Moscow City Government
Moscow City Department of Culture
Russian Academy of Arts
Moscow Museum of Modern Art

Max Sher. Commentary on the Landscape
Ulan-Ude. April 15, 2014
Toropets. September 28, 2013
Nakhodka. May 18, 2014
Moscow. February 13, 2013
Voronezh. July 1, 2013
Date: May 26 — July 11, 2021
Venue: MMOMA, GOGOLEVSKY BLVD.,10/2

Curator: Sergey Babkin

The Moscow Museum of Modern Art presents Commentary on the Landscape is a retrospective exhibition of Max Sher. The exhibition will be based on his three series: Palimpsests (2010–2017), Dictatorship of the Seven Seas (2018) and Archipelago (2019).

In this project, however, they intermingle with each other, and are complemented by previously unpublished and unexhibited photographs. This project will be the first in the long-term Photography/Commentary Program.

Max Sher is a Russian photographer and artist primarily interested in the representation of the post-Soviet cultural landscape and local histories. Sher works not only with archives and history of visual representation, but also uses photography to explore whether an image can capture manifestations of political and economic conditions in the formation of landscapes and infrastructures. His photographs typically depict everyday landscapes, they are uneventful and intentionally undramatic. This approach stems from the US conceptual and politically engaged photography and yet demonstrates the close connection between the artist and his fellow landscape photographers in Russia today. At the same time, Sher’s interest in the politics and economics of space, and the tangential, rather than direct, thematization inherent in his projects, render his work unique in Russia, where a combination of political engagement and openness to interpretation is not often found in photography.

Sher’s research has key political objectives that determine the structures of his series, the content of his photographs, and their qualities as images. One such objective is to create knowledge about how landscapes and infrastructures are shaped by certain political and economic decisions. These can be either concentrated in a particular space or be diffused—taking the form of laws, conventions, programs, assumptions, types of rationality, and other ideological modalities. They all aim to create spaces capable of reproducing certain relations, anchoring power structures, and suppressing differences in the pursuit of homogenization.

The exhibition does not have any explicit textual explanation, and the works are almost randomly arranged throughout the rooms. This could both create an obstacle for the viewers, but also give them the freedom to move around triggering the mechanisms of recognition and interpretation. Nevertheless, there is a commentary on the photographs, but it applies to all of them at once. The commentary is presented in the form of a glossary guide, which is available in hard copy or digitally. The glossary contains brief entries on key terms relevant to Max Sher’s practice and to the exhibition as a whole. The intention behind the glossary is to suggest to viewers the possible types of relationships that might result from their encounter with photography.

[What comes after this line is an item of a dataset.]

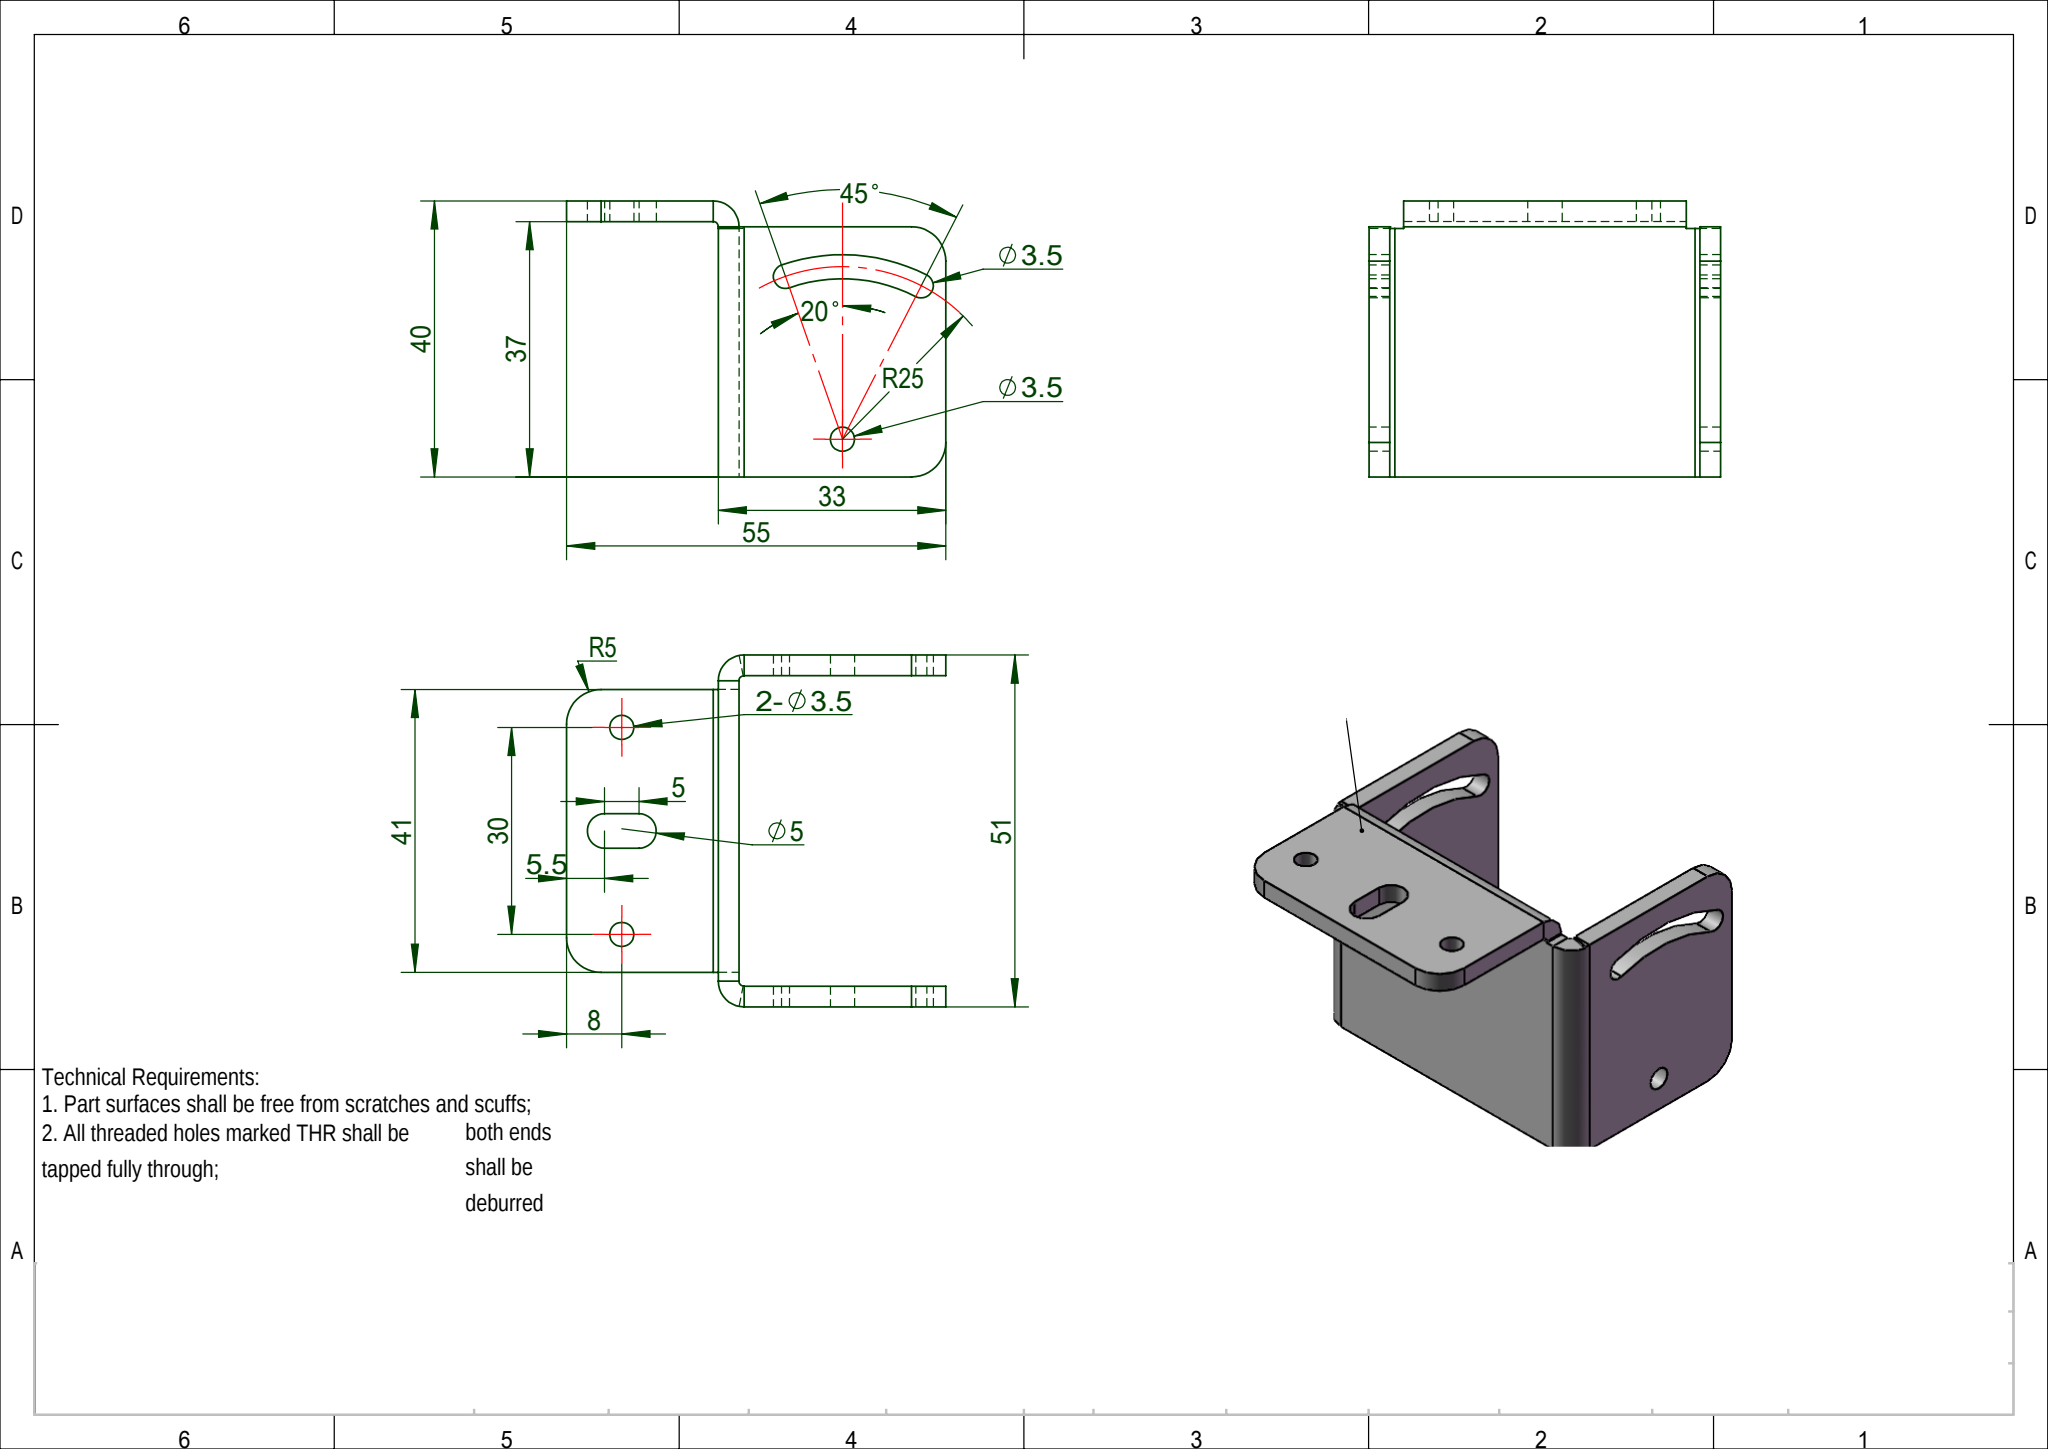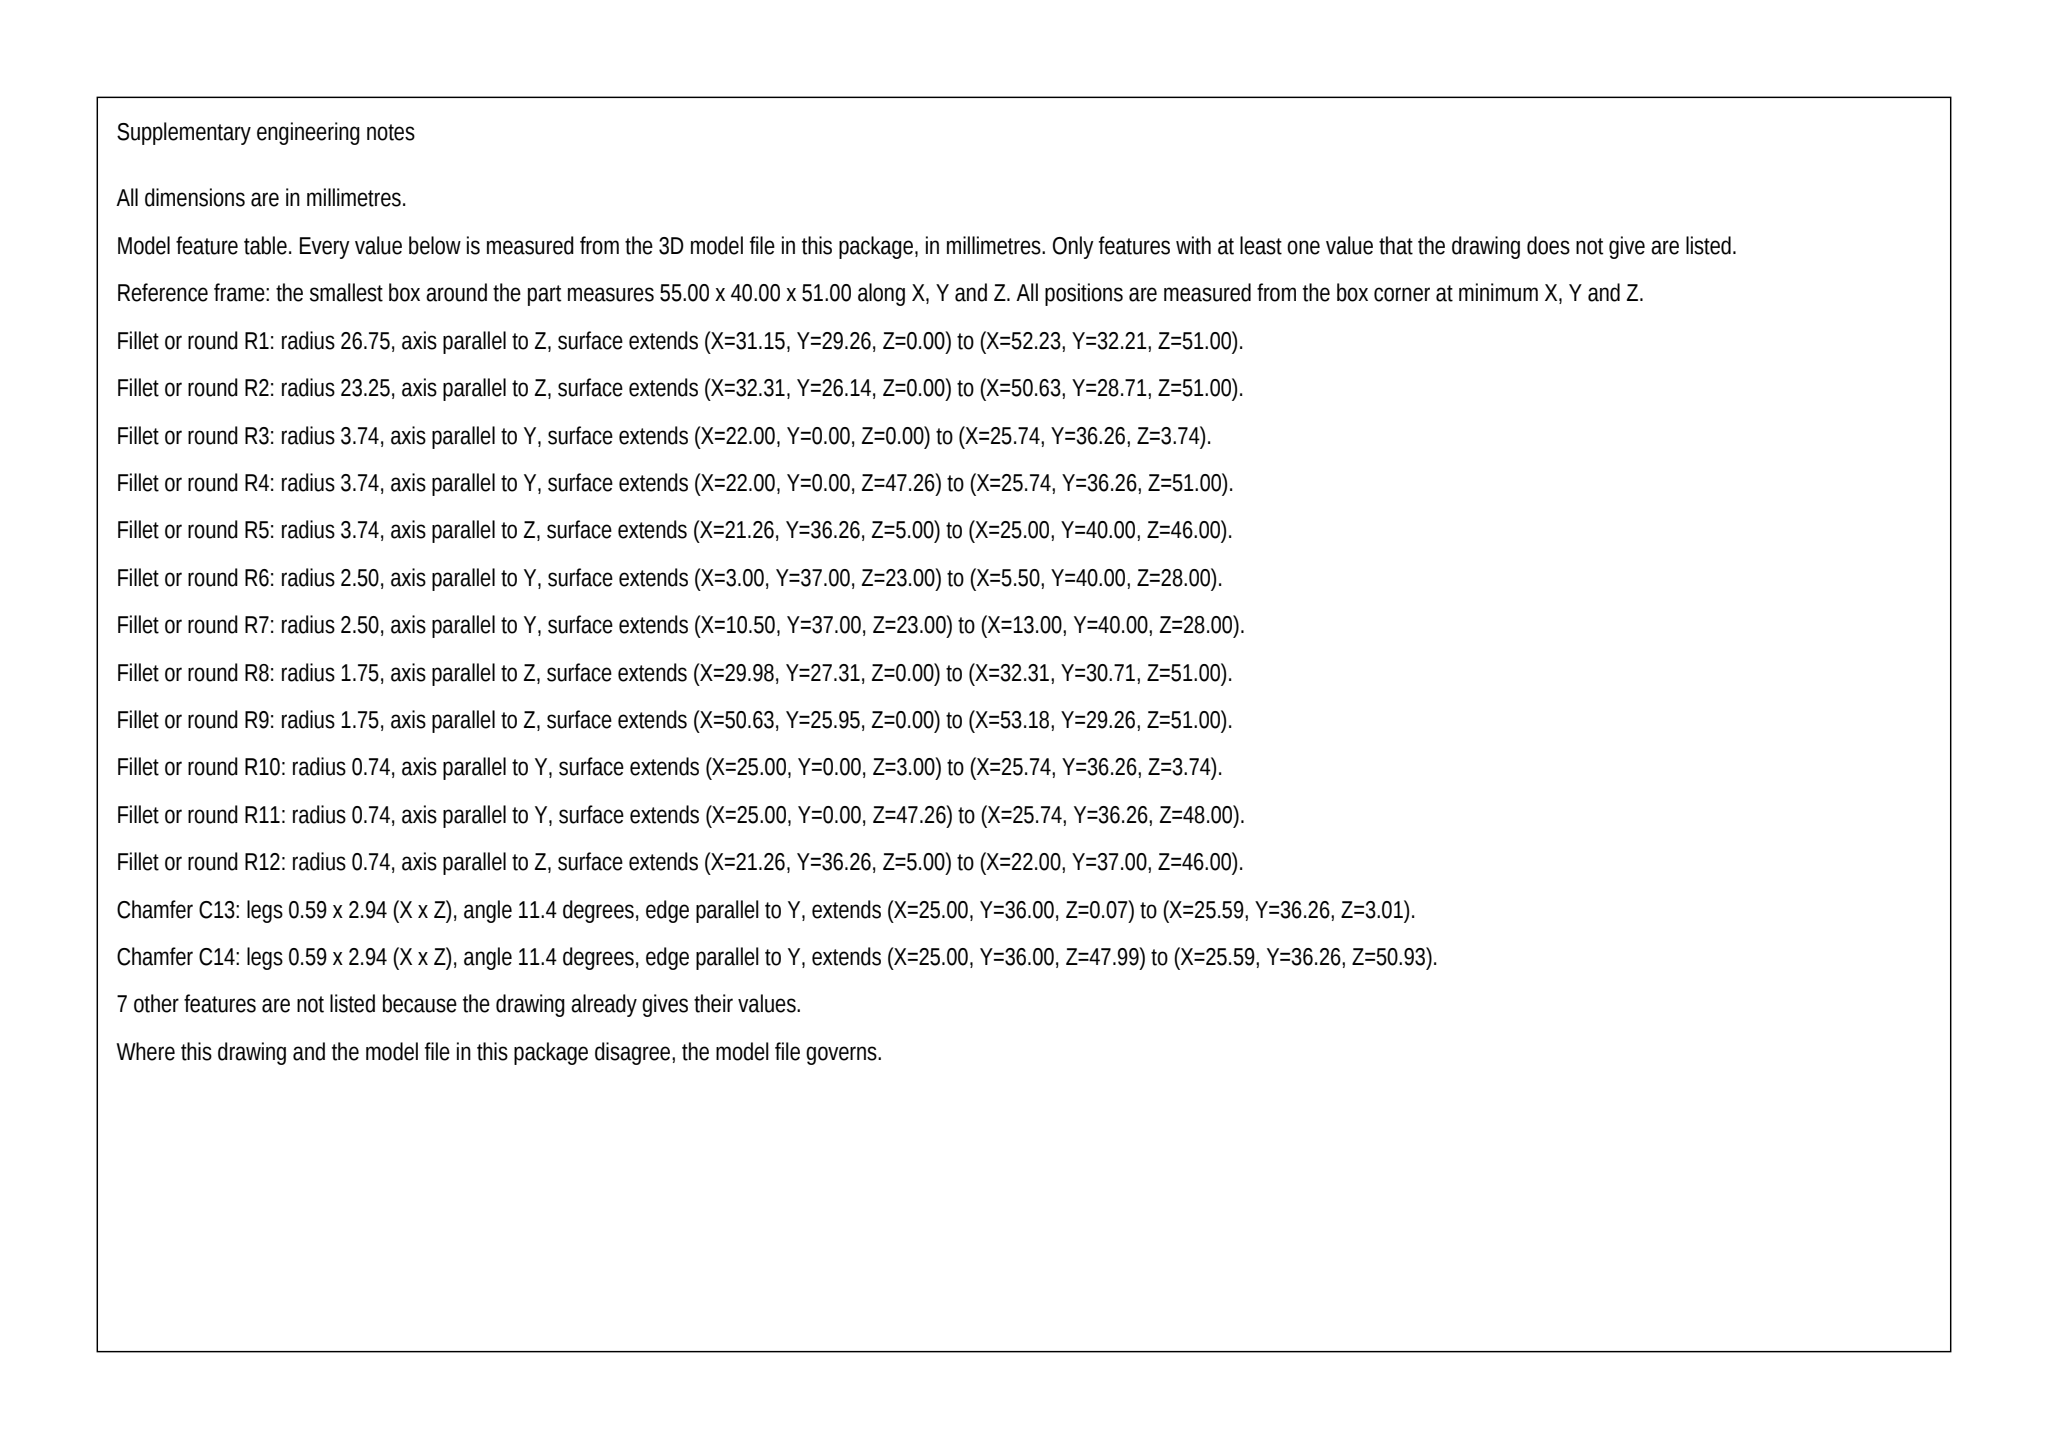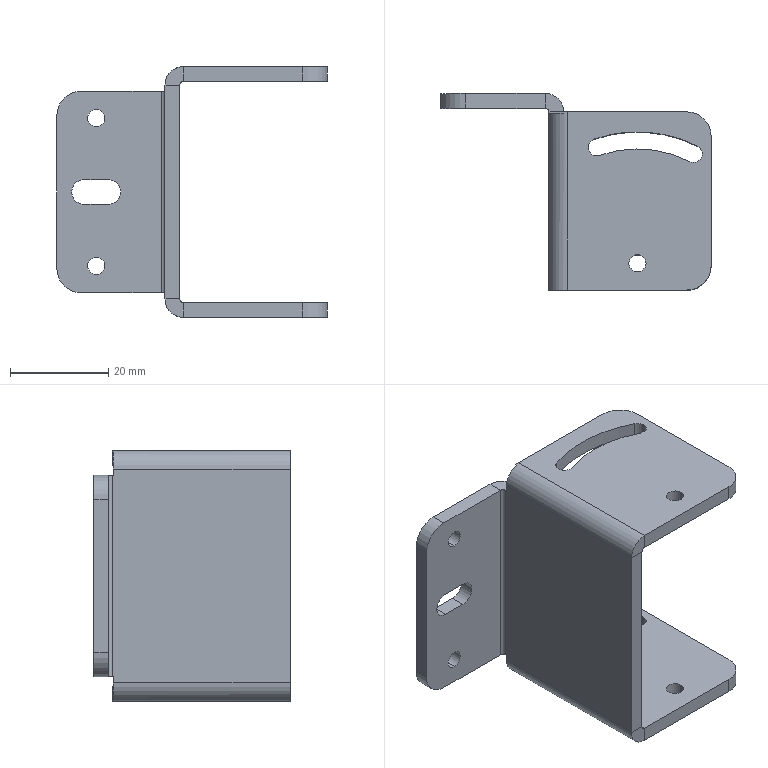Part | SolidWorks | mm | 1 solid | 66 faces | box 55 x 40 x 51 mm | volume 14078 mm3 | plane 34 | cylinder 32 | commonest cylinder face diameters 3.5 x14 10 x6 7.473 x3 1.473 x3 5 x2 53.5 x2 46.5 x2

About the Photography/Commentary Program

The Photography/Commentary program of the Moscow Museum of Modern Art aims to ultimately reduce the need for such programs on the territory of art institutions. A direct reference to photography as a specific medium seems somewhat untimely in the general context of art history, but in Russia photographers still find themselves at an ill-defined distance from institutional art production—with a few exceptions, both among artists and institutions. The program, which begins in 2021 with Max Sher’s project Commentary on the Landscape, will be followed by several solo exhibitions by photographers/artists from Russia whose diverse approaches to using photography as a key instrument of artistic expression reveal different ways of reflecting on current social and political processes with the help of photography. Together with the issue of the critique and commentary on reality through photography, the program raises the opposite question: how can we talk about photography, in what ways can we identify and explore its contradictions and limitations as well as its place in contemporary art in Russia.